Eucalyptus quadricostata, commonly known as the square-fruited ironbark, is a species of small to medium-sized ironbark that is endemic to Queensland. It has rough ironbark on the trunk and branches, lance-shaped to curved adult leaves, flower buds in groups of seven, white flowers and cup-shaped fruit that are square in cross-section.

==Description==
Eucalyptus quadricostata is a tree that typically grows to a height of 10-14 m and forms a lignotuber. It has hard, rough, dark grey to black ironbark on the trunk and branches. Young plants and coppice regrowth have bluish grey to glaucous, egg-shaped to almost round leaves that are 70-120 mm long and 35-70 mm wide and petiolate. Adult leaves are the same shade of dull green on both sides, lance-shaped to curved, 80-180 mm long and 12-36 mm wide, tapering to a petiole 15-32 mm long. The flower buds are arranged on the ends of branchlets in groups of seven on a branched peduncle 5-20 mm long, the individual buds on pedicels 5-7 mm long.
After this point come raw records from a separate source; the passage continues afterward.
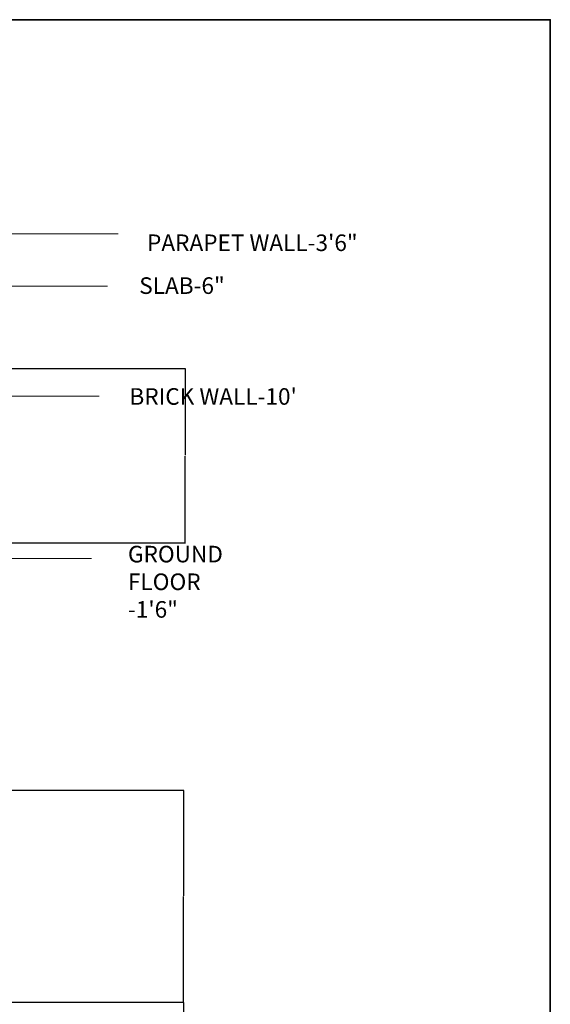
# Model space of a CAD drawing. Units: inches. Extents: x 2250 to 3547, y 1387 to 2604.
# Tile 11 of 11: x 3291 to 3547, y 2129 to 2604. Entities that reach past the tile are written whole.
import ezdxf

# ---------------------------------------------------------------- set-up
doc = ezdxf.new("R2010")
doc.units = ezdxf.units.IN
for name, color, linetype, lineweight in [('A-ANNO-DIMS', 2, 'Continuous', 18), ('A-ANNO-TEXT', 7, 'Continuous', 18), ('A-ANNO-TTLB', 7, 'Continuous', 35)]:
    doc.layers.add(name, color=color, linetype=linetype, lineweight=lineweight)
doc.styles.get("Standard").update_dxf_attribs({"font": 'arial.ttf'})
doc.dimstyles.get("Standard").update_dxf_attribs({"dimtxt": 0.18, "dimasz": 0.18, "dimexe": 0.18, "dimexo": 0.0625, "dimgap": 0.09, "dimtad": 0, "dimtih": 1, "dimtoh": 1, "dimdec": 4, "dimzin": 0, "dimdsep": 46, "dimtxsty": 'Standard', "dimcen": 0.09, "dimadec": 0, "dimazin": 0, "dimtfac": 1, "dimtdec": 4, "dimtofl": 0, "dimtmove": 0, "dimatfit": 3, "dimfxl": 1, "dimtolj": 1, "dimtzin": 0, "dimarcsym": 0})

# ---------------------------------------------------------------- blocks, each defined once
blk = doc.blocks.new('*D90')
at = {"layer": 'A-ANNO-DIMS', "color": 0, "lineweight": -2, "transparency": 16777216}
for p, q in [((3283.69, 2130.34), (3370.22, 2130.34)), ((3370.04, 2130.16), (3370.04, 2093.38)), ((3370.04, 2056.23), (3370.04, 2093.01)), ((3283.69, 2056.05), (3370.22, 2056.05))]:
    blk.add_line(p, q, dxfattribs=at)
at = {"layer": 'A-ANNO-DIMS', "color": 0, "transparency": 16777216}
for points in [[(3370.01, 2130.16), (3370.07, 2130.16), (3370.04, 2130.34)], [(3370.01, 2056.23), (3370.07, 2056.23), (3370.04, 2056.05)]]:
    blk.add_solid(points, dxfattribs=at)
at = {"layer": 'Defpoints', "color": 0, "transparency": 16777216}
for p in [(3283.63, 2130.34), (3370.04, 2130.34), (3283.63, 2056.05)]:
    blk.add_point(p, dxfattribs=at)
at = {"layer": 'A-ANNO-DIMS', "color": 0, "transparency": 16777216, "insert": (3370.04, 2093.2), "char_height": 0.18, "attachment_point": 5}
blk.add_mtext('\\A1;74.29', dxfattribs=at)
blk = doc.blocks.new('*D91')
at = {"layer": 'A-ANNO-DIMS', "color": 0, "lineweight": -2, "transparency": 16777216}
for p, q in [((3283.69, 2232.56), (3370.22, 2232.56)), ((3370.04, 2232.38), (3370.04, 2181.63)), ((3370.04, 2130.52), (3370.04, 2181.27)), ((3283.69, 2130.34), (3370.22, 2130.34))]:
    blk.add_line(p, q, dxfattribs=at)
at = {"layer": 'A-ANNO-DIMS', "color": 0, "transparency": 16777216}
for points in [[(3370.01, 2232.38), (3370.07, 2232.38), (3370.04, 2232.56)], [(3370.01, 2130.52), (3370.07, 2130.52), (3370.04, 2130.34)]]:
    blk.add_solid(points, dxfattribs=at)
at = {"layer": 'Defpoints', "color": 0, "transparency": 16777216}
for p in [(3283.63, 2232.56), (3370.04, 2232.56), (3283.63, 2130.34)]:
    blk.add_point(p, dxfattribs=at)
at = {"layer": 'A-ANNO-DIMS', "color": 0, "transparency": 16777216, "insert": (3370.04, 2181.45), "char_height": 0.18, "attachment_point": 5}
blk.add_mtext('\\A1;102.22', dxfattribs=at)
blk = doc.blocks.new('*D113')
at = {"layer": 'A-ANNO-DIMS', "color": 0, "lineweight": -2, "transparency": 16777216}
for p, q in [((3048.42, 2435.95), (3371.04, 2435.95)), ((3370.86, 2435.77), (3370.86, 2394.13)), ((3370.86, 2352.13), (3370.86, 2393.77)), ((3048.42, 2351.95), (3371.04, 2351.95))]:
    blk.add_line(p, q, dxfattribs=at)
at = {"layer": 'A-ANNO-DIMS', "color": 0, "transparency": 16777216}
for points in [[(3370.83, 2435.77), (3370.89, 2435.77), (3370.86, 2435.95)], [(3370.83, 2352.13), (3370.89, 2352.13), (3370.86, 2351.95)]]:
    blk.add_solid(points, dxfattribs=at)
at = {"layer": 'Defpoints', "color": 0, "transparency": 16777216}
for p in [(3048.36, 2435.95), (3370.86, 2435.95), (3048.36, 2351.95)]:
    blk.add_point(p, dxfattribs=at)
at = {"layer": 'A-ANNO-DIMS', "color": 0, "transparency": 16777216, "insert": (3370.86, 2393.95), "char_height": 0.18, "attachment_point": 5}
blk.add_mtext('\\A1;84', dxfattribs=at)

msp = doc.modelspace()

# ---------------------------------------------------------------- linework, layer by layer
at = {"layer": 'A-ANNO-TEXT'}
for p, q in [((3283.6288, 2500.9984), (3338.5083, 2500.9984)), ((3281.9557, 2475.6362), (3333.3809, 2475.6362)), ((3283.6288, 2422.6027), (3329.2305, 2422.6027)), ((3276.8191, 2344.3195), (3325.6618, 2344.3195))]:
    msp.add_line(p, q, dxfattribs=at)
at = {"layer": 'A-ANNO-TTLB'}
msp.add_lwpolyline([(2250.1093, 2604.1988), (3546.995, 2604.1988), (3546.995, 1386.7251), (2250.1093, 1386.7251)], close=True, dxfattribs=at)

# ---------------------------------------------------------------- texts
at = {"layer": 'A-ANNO-TEXT', "char_height": 8, "attachment_point": 1}
for s, width, insert in [('PARAPET WALL-3\'6"', 116.733565, (3352.4094, 2500.6204)), ('SLAB-6"', 54.822246, (3348.6373, 2479.9404)), ("BRICK WALL-10'", 96.331423, (3343.9177, 2426.4865)), ('GROUND FLOOR -1\'6"', 61.605089, (3343.1911, 2350.452))]:
    msp.add_mtext_dynamic_manual_height_columns(s, width=width, gutter_width=12.5, heights=[0], dxfattribs=dict(at, insert=insert))

# ---------------------------------------------------------------- dimensions: what is measured, and where the dimension line sits
at = {"layer": 'A-ANNO-DIMS'}
for base, p1, p2, override, picture, middle in [((3370.8583, 2435.9493), (3048.3624, 2351.9493), (3048.3624, 2435.9493), {"dimdec": 0, "dimlfac": 1, "dimrnd": 0, "dimzin": 0, "dimdsep": 46, "dimlunit": 2}, '*D113', (3370.8583, 2393.9493)), ((3370.0441, 2232.5639), (3283.6288, 2130.3411), (3283.6288, 2232.5639), {"dimdec": 2, "dimlfac": 1, "dimrnd": 0, "dimzin": 0, "dimdsep": 46, "dimlunit": 2}, '*D91', (3370.0441, 2181.4525)), ((3370.0441, 2130.3411), (3283.6288, 2056.0503), (3283.6288, 2130.3411), {"dimdec": 2, "dimlfac": 1, "dimrnd": 0, "dimzin": 0, "dimdsep": 46, "dimlunit": 2}, '*D90', (3370.0441, 2093.1957))]:
    dim = msp.add_linear_dim(base=base, p1=p1, p2=p2, angle=90, dimstyle='Standard', override=override, dxfattribs=at)
    dim.commit()
    dim.dimension.update_dxf_attribs({"geometry": picture, "text_midpoint": middle})

doc.saveas('drawing.dxf')

Mature buds are club-shaped, square in cross-section with a rib on each corner, 8-12 mm long and 4-6 mm wide with a conical, rounded or pyramid-shaped operculum. Flowering has been recorded in January and July and the flowers are white. The fruit is a woody, cup-shaped capsule that is square in cross-section, 6-13 mm long and 6-10 mm wide with the valves near rim level.

==Taxonomy==
Eucalyptus quadricostata was first formally described in 1985 by Ian Brooker in the journal Austrobaileya from material he collected near "Oakvale H.S.".

==Conservation status==
This eucalypt is classified as "least concern" under the Queensland Government Nature Conservation Act 1992.